Anonymity is a legal necessity as much as an aesthetic choice. A cadaver with an identity is a corpse, and a room full of corpses would constitute an illegal cemetery. Von Hagens contends that his specimens fall into the same epistemological category as mummies and classroom skeletons. “Plastinates are not objects of individual memory,” he says. “They are new presentations of former human beings.”

He is also carefully navigating around Article 1 of the German constitution, which expressly states that “the dignity of man is inviolable,” a phrase that has been invoked in German courts to contest everything from pornography to dwarf tossing. German officials permitted Body Worlds to open in Stuttgart only if von Hagens agreed to remove certain undignifying elements—chiefly the basketball and the soccer ball held by the Basketball Player and the Goalkeeper, respectively. (The figures themselves were allowed to remain.)

This isn’t enough to assuage some of von Hagens’s critics. “It’s amazing stuff,” says Michael Sappol, curator and historian at the National Library of Medicine in Bethesda, Maryland. “He’s a great anatomist, technically superb. But most anatomists are in a panic about him.” Prior to the 19th century, anatomic illustrations were playful; a figure might wink at the viewer or stride happily across the page.

With the rise of anatomy as a profession, however, that visual mood was stamped out—in part to reassure the public that anatomists were objective scientists, not lurid, grave-robbing voyeurs. To many of his contemporary colleagues, Sappol says, von Hagens’s offense is twofold: He breaks the dissectors’ “cult of knowledge” by baring everything to the public, and he reintroduces a little emotion to the experience. “We’re shielded from death and dead bodies,” Sappol says. “So this is exciting and a bit naughty.”

Von Hagens in turn insists that the primary purpose of Body Worlds is to educate. Indeed, the exhibition comes with a stultifying amount of medical information. Every specimen large or small is accompanied by a placard, caption, or annotation; a visitor’s head soon swims with descriptions of inguinal ligaments and adipose capsules. The self-promotional description of the show as a Gray’s Anatomy in three dimensions is not far off the mark. The audio guide, read in monotone by von Hagens himself, is dull enough to put the dead to sleep.

And if the specimens on display arrest the eye—if they hold their skins for the visitor to inspect, or if they lean forward and wink one eye, challenging the viewer not to look—well, what’s wrong with that? Von Hagens offers the analogy of a history teacher: Are you more inclined to pay attention and learn something from a vivacious young teacher or from a droning, smelly slob? “We dress up when we present something,” he argues. “So these specimens are dressed up anatomically.”

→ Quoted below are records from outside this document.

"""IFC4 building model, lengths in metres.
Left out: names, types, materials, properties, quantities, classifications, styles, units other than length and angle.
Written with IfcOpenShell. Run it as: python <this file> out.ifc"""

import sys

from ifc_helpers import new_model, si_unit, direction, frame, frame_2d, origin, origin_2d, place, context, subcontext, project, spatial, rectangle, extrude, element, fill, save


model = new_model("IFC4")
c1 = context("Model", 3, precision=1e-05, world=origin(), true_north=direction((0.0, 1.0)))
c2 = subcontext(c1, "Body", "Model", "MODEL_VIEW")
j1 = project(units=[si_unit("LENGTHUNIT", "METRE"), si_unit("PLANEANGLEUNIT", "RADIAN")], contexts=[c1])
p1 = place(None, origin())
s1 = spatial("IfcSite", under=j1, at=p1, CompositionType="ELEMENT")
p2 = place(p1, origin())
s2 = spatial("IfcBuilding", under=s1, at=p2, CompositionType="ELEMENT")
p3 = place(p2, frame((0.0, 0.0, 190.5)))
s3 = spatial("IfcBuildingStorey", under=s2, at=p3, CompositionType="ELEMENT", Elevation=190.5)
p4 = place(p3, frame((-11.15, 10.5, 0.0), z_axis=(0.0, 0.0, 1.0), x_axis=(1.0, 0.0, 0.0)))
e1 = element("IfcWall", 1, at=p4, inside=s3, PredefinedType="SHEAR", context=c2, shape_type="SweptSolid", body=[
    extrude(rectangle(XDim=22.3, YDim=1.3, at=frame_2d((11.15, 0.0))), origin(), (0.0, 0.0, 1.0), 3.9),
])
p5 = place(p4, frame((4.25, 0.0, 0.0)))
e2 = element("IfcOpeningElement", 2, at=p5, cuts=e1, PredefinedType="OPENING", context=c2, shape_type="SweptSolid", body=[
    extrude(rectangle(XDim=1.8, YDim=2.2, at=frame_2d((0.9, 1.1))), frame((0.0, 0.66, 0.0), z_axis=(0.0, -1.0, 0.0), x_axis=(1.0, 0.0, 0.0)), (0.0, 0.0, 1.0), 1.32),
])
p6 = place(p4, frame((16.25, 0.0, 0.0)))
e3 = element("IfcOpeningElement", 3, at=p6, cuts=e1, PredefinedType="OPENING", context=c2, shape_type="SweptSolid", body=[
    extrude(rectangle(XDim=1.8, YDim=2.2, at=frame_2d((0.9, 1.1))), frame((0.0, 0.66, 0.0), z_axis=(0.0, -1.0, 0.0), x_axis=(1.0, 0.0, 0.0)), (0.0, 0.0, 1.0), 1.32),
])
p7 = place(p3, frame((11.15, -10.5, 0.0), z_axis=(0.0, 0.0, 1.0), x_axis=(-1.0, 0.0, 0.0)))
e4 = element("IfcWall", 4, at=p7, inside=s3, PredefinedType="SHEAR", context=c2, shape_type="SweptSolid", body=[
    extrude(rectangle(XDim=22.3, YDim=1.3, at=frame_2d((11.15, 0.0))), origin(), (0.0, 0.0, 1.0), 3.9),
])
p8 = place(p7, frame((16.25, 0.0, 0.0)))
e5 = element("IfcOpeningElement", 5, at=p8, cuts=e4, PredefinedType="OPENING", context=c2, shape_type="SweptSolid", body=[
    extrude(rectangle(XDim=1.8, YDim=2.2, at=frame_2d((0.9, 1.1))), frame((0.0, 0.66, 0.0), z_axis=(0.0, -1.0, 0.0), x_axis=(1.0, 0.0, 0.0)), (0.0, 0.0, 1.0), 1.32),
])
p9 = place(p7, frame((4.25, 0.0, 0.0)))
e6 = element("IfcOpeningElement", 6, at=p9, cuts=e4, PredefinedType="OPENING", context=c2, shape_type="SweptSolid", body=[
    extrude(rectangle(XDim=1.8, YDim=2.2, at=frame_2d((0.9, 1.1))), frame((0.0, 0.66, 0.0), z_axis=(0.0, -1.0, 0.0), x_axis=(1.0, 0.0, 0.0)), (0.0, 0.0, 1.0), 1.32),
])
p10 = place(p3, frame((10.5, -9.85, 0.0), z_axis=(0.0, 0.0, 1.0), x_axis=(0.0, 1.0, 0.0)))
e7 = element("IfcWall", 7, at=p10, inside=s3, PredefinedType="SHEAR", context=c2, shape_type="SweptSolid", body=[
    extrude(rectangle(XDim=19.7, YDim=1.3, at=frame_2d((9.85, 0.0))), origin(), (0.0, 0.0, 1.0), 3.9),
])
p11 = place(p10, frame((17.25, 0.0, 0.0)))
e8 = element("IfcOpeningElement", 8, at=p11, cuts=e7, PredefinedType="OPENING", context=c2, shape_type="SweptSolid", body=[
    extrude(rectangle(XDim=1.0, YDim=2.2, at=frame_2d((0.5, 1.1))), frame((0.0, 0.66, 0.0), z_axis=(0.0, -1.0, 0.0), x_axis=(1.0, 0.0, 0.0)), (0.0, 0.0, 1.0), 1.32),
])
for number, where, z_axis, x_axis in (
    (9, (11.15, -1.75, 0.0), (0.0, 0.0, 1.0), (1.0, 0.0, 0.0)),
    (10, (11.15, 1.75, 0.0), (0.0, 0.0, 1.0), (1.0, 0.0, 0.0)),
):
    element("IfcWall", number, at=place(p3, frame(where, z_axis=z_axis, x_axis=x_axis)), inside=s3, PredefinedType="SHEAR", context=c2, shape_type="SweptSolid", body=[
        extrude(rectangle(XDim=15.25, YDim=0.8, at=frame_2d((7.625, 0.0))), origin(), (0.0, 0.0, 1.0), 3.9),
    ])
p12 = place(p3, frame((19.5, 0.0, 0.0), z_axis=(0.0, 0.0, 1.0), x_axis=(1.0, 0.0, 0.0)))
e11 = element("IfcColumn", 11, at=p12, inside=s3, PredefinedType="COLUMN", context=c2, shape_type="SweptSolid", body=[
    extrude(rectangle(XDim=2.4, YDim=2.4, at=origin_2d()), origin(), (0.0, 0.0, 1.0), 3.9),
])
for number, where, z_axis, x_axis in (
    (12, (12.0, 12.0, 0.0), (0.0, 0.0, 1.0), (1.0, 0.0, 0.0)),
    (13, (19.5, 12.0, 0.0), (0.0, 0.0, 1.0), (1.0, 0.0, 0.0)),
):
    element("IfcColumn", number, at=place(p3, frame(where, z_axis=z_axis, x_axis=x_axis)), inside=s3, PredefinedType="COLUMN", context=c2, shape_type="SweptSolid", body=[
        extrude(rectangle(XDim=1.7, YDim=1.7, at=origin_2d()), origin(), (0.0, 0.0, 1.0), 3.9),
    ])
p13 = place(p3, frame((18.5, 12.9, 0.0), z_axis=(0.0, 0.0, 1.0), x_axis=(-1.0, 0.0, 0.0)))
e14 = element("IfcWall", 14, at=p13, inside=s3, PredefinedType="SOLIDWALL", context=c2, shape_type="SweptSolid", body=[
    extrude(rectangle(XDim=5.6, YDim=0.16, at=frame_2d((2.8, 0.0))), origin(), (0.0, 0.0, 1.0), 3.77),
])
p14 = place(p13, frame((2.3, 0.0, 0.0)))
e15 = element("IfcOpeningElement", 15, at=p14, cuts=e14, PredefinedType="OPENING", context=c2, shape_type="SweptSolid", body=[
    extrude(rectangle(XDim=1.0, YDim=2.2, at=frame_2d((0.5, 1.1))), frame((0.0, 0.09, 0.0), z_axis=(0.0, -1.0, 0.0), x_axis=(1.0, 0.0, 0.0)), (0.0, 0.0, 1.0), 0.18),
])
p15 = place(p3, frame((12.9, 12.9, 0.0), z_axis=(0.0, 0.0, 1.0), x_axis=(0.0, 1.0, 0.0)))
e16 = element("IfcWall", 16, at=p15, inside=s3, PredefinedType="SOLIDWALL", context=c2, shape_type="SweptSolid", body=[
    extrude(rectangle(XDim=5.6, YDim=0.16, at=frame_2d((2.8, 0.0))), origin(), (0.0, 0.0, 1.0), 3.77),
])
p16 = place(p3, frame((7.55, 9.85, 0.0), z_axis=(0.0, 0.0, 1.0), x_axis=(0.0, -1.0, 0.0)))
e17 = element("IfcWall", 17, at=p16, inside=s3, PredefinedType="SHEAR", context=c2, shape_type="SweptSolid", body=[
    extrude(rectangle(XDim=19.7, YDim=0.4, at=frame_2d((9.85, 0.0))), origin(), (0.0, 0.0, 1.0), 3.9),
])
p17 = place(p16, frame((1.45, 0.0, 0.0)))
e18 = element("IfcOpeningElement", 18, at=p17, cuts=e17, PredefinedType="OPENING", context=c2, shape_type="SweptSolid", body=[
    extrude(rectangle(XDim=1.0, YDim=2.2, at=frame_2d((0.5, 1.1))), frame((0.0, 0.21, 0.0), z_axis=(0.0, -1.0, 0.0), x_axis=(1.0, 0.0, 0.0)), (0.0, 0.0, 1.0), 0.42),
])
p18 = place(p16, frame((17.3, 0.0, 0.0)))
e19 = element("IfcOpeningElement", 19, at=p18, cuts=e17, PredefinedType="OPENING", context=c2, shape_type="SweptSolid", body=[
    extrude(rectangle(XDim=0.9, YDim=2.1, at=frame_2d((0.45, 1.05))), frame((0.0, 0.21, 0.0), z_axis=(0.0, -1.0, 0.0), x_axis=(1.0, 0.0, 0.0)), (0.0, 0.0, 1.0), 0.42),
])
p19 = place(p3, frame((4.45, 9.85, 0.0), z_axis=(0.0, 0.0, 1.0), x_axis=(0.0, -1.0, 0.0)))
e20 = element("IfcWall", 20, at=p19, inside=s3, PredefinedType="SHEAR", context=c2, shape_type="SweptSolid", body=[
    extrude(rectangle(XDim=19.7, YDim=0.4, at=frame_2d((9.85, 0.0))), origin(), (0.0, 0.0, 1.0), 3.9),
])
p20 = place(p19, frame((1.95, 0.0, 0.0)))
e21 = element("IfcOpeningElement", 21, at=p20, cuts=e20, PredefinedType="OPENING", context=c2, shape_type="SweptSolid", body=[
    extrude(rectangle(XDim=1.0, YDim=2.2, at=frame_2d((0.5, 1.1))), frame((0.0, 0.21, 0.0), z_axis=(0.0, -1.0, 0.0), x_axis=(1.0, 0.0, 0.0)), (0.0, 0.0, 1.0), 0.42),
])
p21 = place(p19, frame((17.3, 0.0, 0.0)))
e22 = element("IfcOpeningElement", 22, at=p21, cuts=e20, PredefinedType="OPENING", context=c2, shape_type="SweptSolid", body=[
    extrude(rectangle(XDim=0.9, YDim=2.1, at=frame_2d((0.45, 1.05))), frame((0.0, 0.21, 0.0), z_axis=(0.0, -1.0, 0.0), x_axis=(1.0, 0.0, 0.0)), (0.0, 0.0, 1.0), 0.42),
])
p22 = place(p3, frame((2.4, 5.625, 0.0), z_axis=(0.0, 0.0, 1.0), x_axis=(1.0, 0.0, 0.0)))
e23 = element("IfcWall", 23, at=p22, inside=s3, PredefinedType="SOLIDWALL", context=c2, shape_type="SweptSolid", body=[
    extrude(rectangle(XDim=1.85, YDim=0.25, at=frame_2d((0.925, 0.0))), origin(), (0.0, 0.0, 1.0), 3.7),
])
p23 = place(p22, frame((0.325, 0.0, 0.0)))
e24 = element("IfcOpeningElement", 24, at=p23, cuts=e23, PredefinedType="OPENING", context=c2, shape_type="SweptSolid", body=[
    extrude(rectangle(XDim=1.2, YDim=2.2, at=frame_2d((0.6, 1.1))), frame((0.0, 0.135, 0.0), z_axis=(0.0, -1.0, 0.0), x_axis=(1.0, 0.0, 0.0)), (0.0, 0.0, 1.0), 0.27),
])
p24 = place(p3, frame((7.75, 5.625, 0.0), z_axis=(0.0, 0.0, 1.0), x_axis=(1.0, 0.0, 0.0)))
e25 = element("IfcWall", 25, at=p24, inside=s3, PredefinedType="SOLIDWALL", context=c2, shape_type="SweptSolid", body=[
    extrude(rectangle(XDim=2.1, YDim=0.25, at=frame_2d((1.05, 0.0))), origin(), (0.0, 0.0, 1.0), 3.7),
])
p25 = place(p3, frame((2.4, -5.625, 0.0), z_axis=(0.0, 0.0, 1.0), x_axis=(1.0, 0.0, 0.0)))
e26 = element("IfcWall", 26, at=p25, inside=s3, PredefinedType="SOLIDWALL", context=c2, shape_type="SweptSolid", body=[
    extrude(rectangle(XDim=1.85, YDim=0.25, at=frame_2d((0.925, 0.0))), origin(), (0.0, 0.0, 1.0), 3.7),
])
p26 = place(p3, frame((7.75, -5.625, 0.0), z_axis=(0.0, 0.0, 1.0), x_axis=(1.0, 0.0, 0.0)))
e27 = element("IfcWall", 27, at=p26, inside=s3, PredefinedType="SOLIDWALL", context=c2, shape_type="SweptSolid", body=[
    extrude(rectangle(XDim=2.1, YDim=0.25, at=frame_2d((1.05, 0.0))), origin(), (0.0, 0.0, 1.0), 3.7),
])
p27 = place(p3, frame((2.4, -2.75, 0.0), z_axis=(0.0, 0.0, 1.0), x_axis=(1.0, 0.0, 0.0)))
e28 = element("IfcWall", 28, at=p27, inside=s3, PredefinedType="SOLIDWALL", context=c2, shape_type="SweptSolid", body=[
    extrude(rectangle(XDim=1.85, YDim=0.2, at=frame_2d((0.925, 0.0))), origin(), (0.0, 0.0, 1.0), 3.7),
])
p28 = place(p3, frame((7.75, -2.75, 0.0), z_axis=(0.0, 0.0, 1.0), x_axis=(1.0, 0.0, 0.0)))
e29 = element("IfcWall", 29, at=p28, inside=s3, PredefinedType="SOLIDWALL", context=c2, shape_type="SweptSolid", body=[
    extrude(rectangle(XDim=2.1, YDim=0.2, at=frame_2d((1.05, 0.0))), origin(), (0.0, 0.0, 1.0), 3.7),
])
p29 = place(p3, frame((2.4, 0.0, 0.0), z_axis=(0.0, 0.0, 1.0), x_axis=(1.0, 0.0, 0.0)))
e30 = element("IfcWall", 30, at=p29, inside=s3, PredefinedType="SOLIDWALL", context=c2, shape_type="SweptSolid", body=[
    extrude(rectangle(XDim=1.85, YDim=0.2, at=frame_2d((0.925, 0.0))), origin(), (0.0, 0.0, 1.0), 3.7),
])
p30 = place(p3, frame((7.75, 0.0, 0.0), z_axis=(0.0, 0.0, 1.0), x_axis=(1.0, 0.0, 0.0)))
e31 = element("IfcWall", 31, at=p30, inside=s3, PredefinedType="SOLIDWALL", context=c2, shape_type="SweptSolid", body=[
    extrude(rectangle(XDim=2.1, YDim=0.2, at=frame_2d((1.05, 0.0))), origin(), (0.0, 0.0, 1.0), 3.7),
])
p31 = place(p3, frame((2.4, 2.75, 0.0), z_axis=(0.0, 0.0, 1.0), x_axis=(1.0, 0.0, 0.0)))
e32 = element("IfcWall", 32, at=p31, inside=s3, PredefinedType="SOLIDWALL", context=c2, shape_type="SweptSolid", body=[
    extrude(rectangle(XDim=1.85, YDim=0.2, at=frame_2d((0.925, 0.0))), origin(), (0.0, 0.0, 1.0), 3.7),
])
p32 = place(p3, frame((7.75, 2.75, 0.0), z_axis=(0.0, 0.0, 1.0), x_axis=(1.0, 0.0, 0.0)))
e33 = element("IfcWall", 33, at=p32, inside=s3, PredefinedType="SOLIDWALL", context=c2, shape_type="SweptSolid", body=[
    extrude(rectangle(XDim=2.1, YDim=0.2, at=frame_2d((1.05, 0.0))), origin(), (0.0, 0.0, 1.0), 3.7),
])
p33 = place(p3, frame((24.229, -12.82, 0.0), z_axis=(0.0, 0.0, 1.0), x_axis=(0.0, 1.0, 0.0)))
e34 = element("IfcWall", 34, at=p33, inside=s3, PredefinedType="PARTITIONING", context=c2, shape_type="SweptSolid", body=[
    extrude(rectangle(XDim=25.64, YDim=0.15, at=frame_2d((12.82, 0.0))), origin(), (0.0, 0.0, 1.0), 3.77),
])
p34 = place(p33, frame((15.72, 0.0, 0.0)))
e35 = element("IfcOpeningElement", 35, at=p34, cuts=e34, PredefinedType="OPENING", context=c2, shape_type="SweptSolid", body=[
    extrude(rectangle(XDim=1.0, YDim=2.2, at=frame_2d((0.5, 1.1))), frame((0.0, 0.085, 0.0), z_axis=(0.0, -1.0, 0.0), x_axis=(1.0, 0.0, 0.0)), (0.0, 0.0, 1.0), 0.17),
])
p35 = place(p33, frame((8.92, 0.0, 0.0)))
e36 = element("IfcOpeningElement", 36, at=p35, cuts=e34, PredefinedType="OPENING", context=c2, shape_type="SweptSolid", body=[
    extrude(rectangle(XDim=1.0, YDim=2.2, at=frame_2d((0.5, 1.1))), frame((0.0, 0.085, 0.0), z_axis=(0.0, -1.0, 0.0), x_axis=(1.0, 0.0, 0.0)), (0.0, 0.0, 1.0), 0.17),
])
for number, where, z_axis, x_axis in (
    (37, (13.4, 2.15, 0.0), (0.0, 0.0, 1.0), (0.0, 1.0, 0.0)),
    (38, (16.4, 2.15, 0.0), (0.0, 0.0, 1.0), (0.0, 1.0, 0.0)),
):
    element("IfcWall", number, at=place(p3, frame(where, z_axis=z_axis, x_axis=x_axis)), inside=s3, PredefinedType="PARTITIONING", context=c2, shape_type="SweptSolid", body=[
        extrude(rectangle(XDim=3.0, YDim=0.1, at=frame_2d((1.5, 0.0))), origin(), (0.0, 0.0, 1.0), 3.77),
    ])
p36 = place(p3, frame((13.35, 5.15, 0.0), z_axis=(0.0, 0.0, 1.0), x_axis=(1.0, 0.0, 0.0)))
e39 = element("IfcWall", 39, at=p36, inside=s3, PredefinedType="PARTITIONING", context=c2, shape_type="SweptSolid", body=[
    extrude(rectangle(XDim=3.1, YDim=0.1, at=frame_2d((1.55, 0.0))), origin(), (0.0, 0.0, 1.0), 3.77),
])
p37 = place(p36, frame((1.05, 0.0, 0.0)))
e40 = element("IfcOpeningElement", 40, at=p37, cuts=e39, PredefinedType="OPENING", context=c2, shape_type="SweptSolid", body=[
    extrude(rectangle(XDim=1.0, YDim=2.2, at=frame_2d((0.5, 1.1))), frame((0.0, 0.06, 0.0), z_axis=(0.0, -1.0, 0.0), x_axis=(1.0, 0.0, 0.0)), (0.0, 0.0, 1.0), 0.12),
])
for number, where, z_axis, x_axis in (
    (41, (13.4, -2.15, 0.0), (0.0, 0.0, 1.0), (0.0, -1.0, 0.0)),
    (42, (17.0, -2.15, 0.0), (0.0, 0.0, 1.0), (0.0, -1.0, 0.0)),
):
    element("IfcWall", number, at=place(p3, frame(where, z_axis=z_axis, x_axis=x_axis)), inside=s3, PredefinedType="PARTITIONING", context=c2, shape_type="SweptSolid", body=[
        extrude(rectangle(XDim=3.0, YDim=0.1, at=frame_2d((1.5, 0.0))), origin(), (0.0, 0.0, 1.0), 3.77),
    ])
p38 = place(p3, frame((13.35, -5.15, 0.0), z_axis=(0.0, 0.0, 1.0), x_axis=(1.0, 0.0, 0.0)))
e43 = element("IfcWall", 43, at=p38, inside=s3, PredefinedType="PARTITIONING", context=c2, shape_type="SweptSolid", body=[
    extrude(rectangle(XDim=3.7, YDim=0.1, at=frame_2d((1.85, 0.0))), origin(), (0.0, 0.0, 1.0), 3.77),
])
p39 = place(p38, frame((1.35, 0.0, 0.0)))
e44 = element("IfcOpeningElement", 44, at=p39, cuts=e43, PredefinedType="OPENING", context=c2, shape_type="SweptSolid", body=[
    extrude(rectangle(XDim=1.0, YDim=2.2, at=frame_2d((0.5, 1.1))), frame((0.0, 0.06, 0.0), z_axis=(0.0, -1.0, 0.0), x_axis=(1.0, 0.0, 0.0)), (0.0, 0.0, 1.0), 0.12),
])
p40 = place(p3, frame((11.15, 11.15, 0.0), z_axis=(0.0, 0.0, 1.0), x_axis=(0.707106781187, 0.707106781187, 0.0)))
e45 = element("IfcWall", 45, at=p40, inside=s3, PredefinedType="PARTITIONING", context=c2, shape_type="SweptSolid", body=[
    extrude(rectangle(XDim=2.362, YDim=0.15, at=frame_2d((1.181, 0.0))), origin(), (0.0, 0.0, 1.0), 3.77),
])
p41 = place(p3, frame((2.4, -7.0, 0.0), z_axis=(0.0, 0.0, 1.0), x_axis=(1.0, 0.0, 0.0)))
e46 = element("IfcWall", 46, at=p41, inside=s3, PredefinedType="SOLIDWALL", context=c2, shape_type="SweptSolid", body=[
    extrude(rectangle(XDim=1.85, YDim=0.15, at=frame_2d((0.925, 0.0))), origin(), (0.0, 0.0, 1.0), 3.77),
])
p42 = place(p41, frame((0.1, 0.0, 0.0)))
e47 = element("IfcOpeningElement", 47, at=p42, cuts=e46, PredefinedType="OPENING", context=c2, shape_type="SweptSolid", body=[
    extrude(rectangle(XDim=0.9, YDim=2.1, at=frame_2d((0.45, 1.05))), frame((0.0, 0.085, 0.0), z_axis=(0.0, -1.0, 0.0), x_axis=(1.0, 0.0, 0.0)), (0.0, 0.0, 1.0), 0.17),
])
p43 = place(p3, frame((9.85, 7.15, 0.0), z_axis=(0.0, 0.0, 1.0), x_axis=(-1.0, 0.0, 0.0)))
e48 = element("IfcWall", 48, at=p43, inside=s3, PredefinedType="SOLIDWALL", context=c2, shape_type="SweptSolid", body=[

That might sound like the highbrow rationalization of a circus barker. An hour or two with the crowd at Body Worlds, however, seems to bear him out. One might expect the atmosphere of a freak show; instead, the mood around the specimens is pensive and subdued. To wander among them is an intimate and oddly moving experience, like walking through houses emptied of their inhabitants, or peering into the clothes closets of the recently deceased. The crowd is hushed, engaged in what can only be described as mass introspection: That body is me, is you—except that one is unoccupied while, by some miracle, this one still is.

Von Hagens performs an amazing sleight of hand. By overwhelming the visitor with medical minutiae, he somehow manages to focus attention on the one element of Body Worlds that is omnipresent yet mentioned nowhere in the captions: the spirit, the soul, the delicate, persistent force that animates every human yet is never more apparent than in its absence. “I want to narrow the gap between death and the living,” von Hagens says. In a manner that no words or pictures but only a firsthand encounter can convey, he does.